I started to say “No, she never has,” but then I remembered that incident in London. This was before we left for the Continent, so everything was still young and fresh, and I was delighting in my life with her. On that occasion, I went to a cabaret hoping to meet her, and I saw her there, in one of the dark corners, talking earnestly to a young man. I was about to leave, but she caught my eye, and came over to me. We chatted about inconsequential things for a while, then I turned to go. She asked why I was leaving, and I said I thought she was busy. She said she was never too busy for me, and we left together. I never spoke about it, and I didn’t even think about it much, but I’ve never been able to make sense of it, unless, for a while, she really did care about me. I don’t know.

Jim was looking at me and waiting for an answer as all of this went through my mind, so I said, “I don’t know, maybe she did at one time. But it doesn’t matter.”

“I guess I just don’t understand,” he said.

“I guess you just don’t,” I told him, which ended the conversation.

I’m feeling sort of lazy, so I probably won’t go out any more today, unless this machine inspires me the way it did before. Thinking back, that’s still a little strange.

There are a few boxes of books in the attic, and I spent some time digging through them. Old boxes of other people’s books are always interesting, even if the books themselves aren’t, and here there were a few that caught my eye, such as a 1933 edition of the Encyclopedia Britannica that I looked at for a while. It seemed to specialize in world history, and I was surprised at how much they got right. I also found ten volumes of “Great Orations,” published in 1899. They were in much worse shape than the encyclopedias, but I allowed myself the luxury of a couple of hours with them.

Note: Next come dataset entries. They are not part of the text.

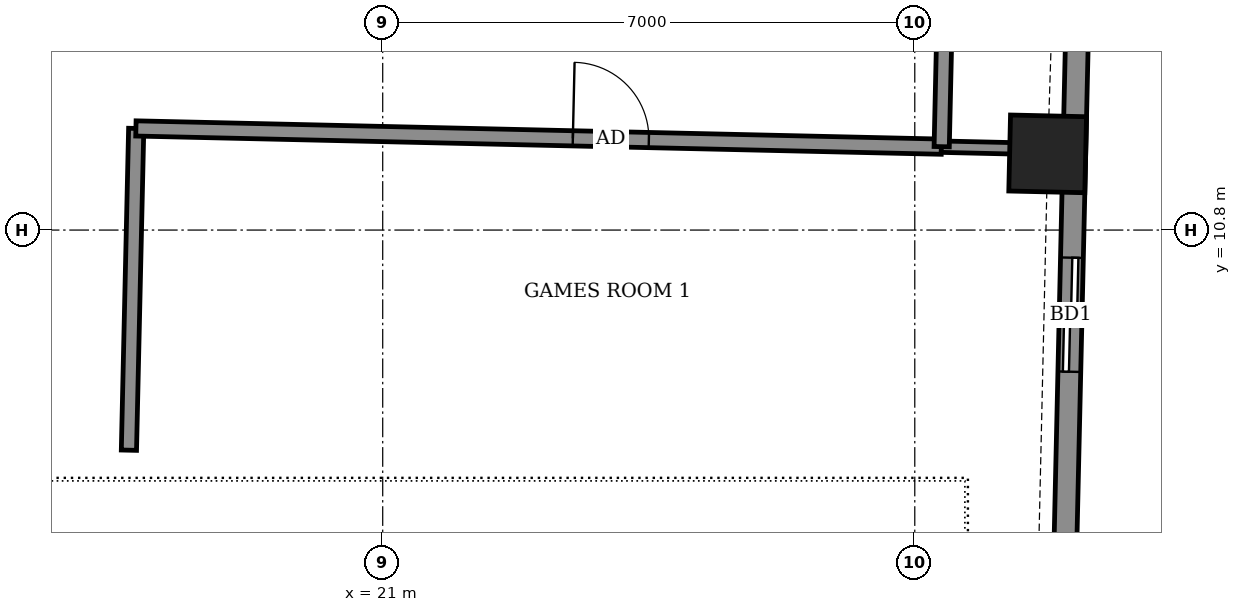
"""IFC4 building model, lengths in metres.
Left out: names, types, materials, properties, quantities, classifications, styles, units other than length and angle.
Written with IfcOpenShell. Run it as: python <this file> out.ifc"""

import sys

from ifc_helpers import new_model, si_unit, direction, frame, frame_2d, origin, origin_2d, place, context, subcontext, project, spatial, rectangle, extrude, element, fill, save


model = new_model("IFC4")
c1 = context("Model", 3, precision=1e-05, world=origin(), true_north=direction((0.0, 1.0)))
c2 = subcontext(c1, "Body", "Model", "MODEL_VIEW")
j1 = project(units=[si_unit("LENGTHUNIT", "METRE"), si_unit("PLANEANGLEUNIT", "RADIAN")], contexts=[c1])
p1 = place(None, origin())
s1 = spatial("IfcSite", under=j1, at=p1, CompositionType="ELEMENT")
p2 = place(p1, origin())
s2 = spatial("IfcBuilding", under=s1, at=p2, CompositionType="ELEMENT")
p3 = place(p2, frame((0.0, 0.0, 268.1)))
s3 = spatial("IfcBuildingStorey", under=s2, at=p3, CompositionType="ELEMENT", Elevation=268.1)
p4 = place(p3, frame((29.748, 11.802, -0.55), z_axis=(0.0, 0.0, 1.0), x_axis=(0.0226694311, 0.999743015426, 0.0)))
e1 = element("IfcColumn", 1, at=p4, inside=s3, PredefinedType="COLUMN", context=c2, shape_type="SweptSolid", body=[
    extrude(rectangle(XDim=1.0, YDim=1.0, at=origin_2d()), origin(), (0.0, 0.0, 1.0), 3.6),
])
p5 = place(p3, frame((29.923, 4.085, 0.0), z_axis=(0.0, 0.0, 1.0), x_axis=(0.022738672774, 0.999741442954, 0.0)))
e2 = element("IfcWall", 2, at=p5, inside=s3, PredefinedType="SOLIDWALL", context=c2, shape_type="SweptSolid", body=[
    extrude(rectangle(XDim=14.774, YDim=0.3, at=frame_2d((7.387, 0.0))), origin(), (0.0, 0.0, 1.0), 2.55),
])
p6 = place(p5, frame((4.853, 0.0, 0.0)))
e3 = element("IfcOpeningElement", 3, at=p6, cuts=e2, PredefinedType="OPENING", context=c2, shape_type="SweptSolid", body=[
    extrude(rectangle(XDim=1.5, YDim=2.4, at=frame_2d((0.75, 1.2))), frame((0.0, 0.16, 0.0), z_axis=(0.0, -1.0, 0.0), x_axis=(1.0, 0.0, 0.0)), (0.0, 0.0, 1.0), 0.32),
])
p7 = place(p5, frame((10.538, 0.0, 0.9)))
e4 = element("IfcOpeningElement", 4, at=p7, cuts=e2, PredefinedType="OPENING", context=c2, shape_type="SweptSolid", body=[
    extrude(rectangle(XDim=2.4, YDim=1.5, at=frame_2d((1.2, 0.75))), frame((0.0, 0.16, 0.0), z_axis=(0.0, -1.0, 0.0), x_axis=(1.0, 0.0, 0.0)), (0.0, 0.0, 1.0), 0.32),
])
p8 = place(p3, frame((17.661, 7.904, 0.0), z_axis=(0.0, 0.0, 1.0), x_axis=(0.022718785711, 0.999741895079, 0.0)))
e5 = element("IfcWall", 5, at=p8, inside=s3, PredefinedType="PARTITIONING", context=c2, shape_type="SweptSolid", body=[
    extrude(rectangle(XDim=4.234, YDim=0.2, at=frame_2d((2.117, 0.0))), origin(), (0.0, 0.0, 1.0), 3.05),
])
p9 = place(p3, frame((17.753, 12.137, 0.0), z_axis=(0.0, 0.0, 1.0), x_axis=(0.999743663474, -0.022640833553, 0.0)))
e6 = element("IfcWall", 6, at=p9, inside=s3, PredefinedType="PARTITIONING", context=c2, shape_type="SweptSolid", body=[
    extrude(rectangle(XDim=10.6, YDim=0.2, at=frame_2d((5.3, 0.0))), origin(), (0.0, 0.0, 1.0), 3.05),
])
p10 = place(p9, frame((5.75, 0.0, 0.0)))
e7 = element("IfcOpeningElement", 7, at=p10, cuts=e6, PredefinedType="OPENING", context=c2, shape_type="SweptSolid", body=[
    extrude(rectangle(XDim=1.0, YDim=2.1, at=frame_2d((0.5, 1.05))), frame((0.0, 0.11, 0.0), z_axis=(0.0, -1.0, 0.0), x_axis=(1.0, 0.0, 0.0)), (0.0, 0.0, 1.0), 0.22),
])
p11 = place(p3, frame((28.35, 11.897, 0.0), z_axis=(0.0, 0.0, 1.0), x_axis=(0.999734618493, -0.023036765969, 0.0)))
e8 = element("IfcWall", 8, at=p11, inside=s3, PredefinedType="PARTITIONING", context=c2, shape_type="SweptSolid", body=[
    extrude(rectangle(XDim=1.6, YDim=0.15, at=frame_2d((0.8, 0.0))), origin(), (0.0, 0.0, 1.0), 3.05),
])
p12 = place(p3, frame((28.354, 11.897, 0.0), z_axis=(0.0, 0.0, 1.0), x_axis=(0.022632637625, 0.99974384905, 0.0)))
e9 = element("IfcWall", 9, at=p12, inside=s3, PredefinedType="PARTITIONING", context=c2, shape_type="SweptSolid", body=[
    extrude(rectangle(XDim=1.5, YDim=0.2, at=frame_2d((0.75, 0.0))), origin(), (0.0, 0.0, 1.0), 3.05),
])
p13 = place(p6, origin())
e10 = element("IfcDoor", 10, at=p13, inside=s3, OperationType="SLIDING_TO_LEFT", PredefinedType="DOOR", context=c2, shape_type="SweptSolid", body=[
    extrude(rectangle(XDim=1.5, YDim=2.4, at=frame_2d((0.75, 1.2))), frame((0.0, 0.025, 0.0), z_axis=(0.0, -1.0, 0.0), x_axis=(1.0, 0.0, 0.0)), (0.0, 0.0, 1.0), 0.05),
])
fill(e3, e10)
p14 = place(p10, origin())
e11 = element("IfcDoor", 11, at=p14, inside=s3, OperationType="SINGLE_SWING_RIGHT", PredefinedType="DOOR", context=c2, shape_type="SweptSolid", body=[
    extrude(rectangle(XDim=1.0, YDim=2.1, at=frame_2d((0.5, 1.05))), frame((0.0, 0.025, 0.0), z_axis=(0.0, -1.0, 0.0), x_axis=(1.0, 0.0, 0.0)), (0.0, 0.0, 1.0), 0.05),
])
fill(e7, e11)
save(model, sys.argv[1])

There were plenty of newer books, too, but I feel about books much the way I feel about music; if it’s still being printed in fifty years, I’ll read it then. If, of course, I’m still around in fifty years, but there’s no point in dwelling on that. I’d rather remember Zola’s speech to the jury on the Dreyfus case, which I found in Volume 10. I don’t know who recorded that speech for history, but he ought to be thanked.

Certainly, there’s a good deal of nonsense in it. “Who suffers for truth and justice becomes august and sacred.” Indeed? I remember laughing aloud the first time I read that, and wishing I’d been there when he said it just so I could have looked at his face and seen if he believed it. But there is some truth in his speech that goes far beyond the case of the moment, and his love for his military, and his worship of that stupid country full of stupid Frenchmen. “For when folly and lies are thus sown broadcast, you necessarily reap insanity,” he said, and what man who has lived for more than forty years has not seen that truth?

“We have had to fight step by step against an extraordinarily obstinate desire for darkness.” Yes, indeed, Emile, we have; or, rather, you have, you and your ilk. That is certainly not my fight, nor will it ever be, but I can applaud yours, and even, to my surprise, discover a couple of tears for the way it has been fought. And, do you know, sometimes I even think that some ground has been gained. But then I read, in Volume 6, Robert Emmet’s speech from the scaffold, and I remember that Great Britain has banned songs that might even hint that all is not well in Northern Ireland, and I see that darkness is reclaiming its own.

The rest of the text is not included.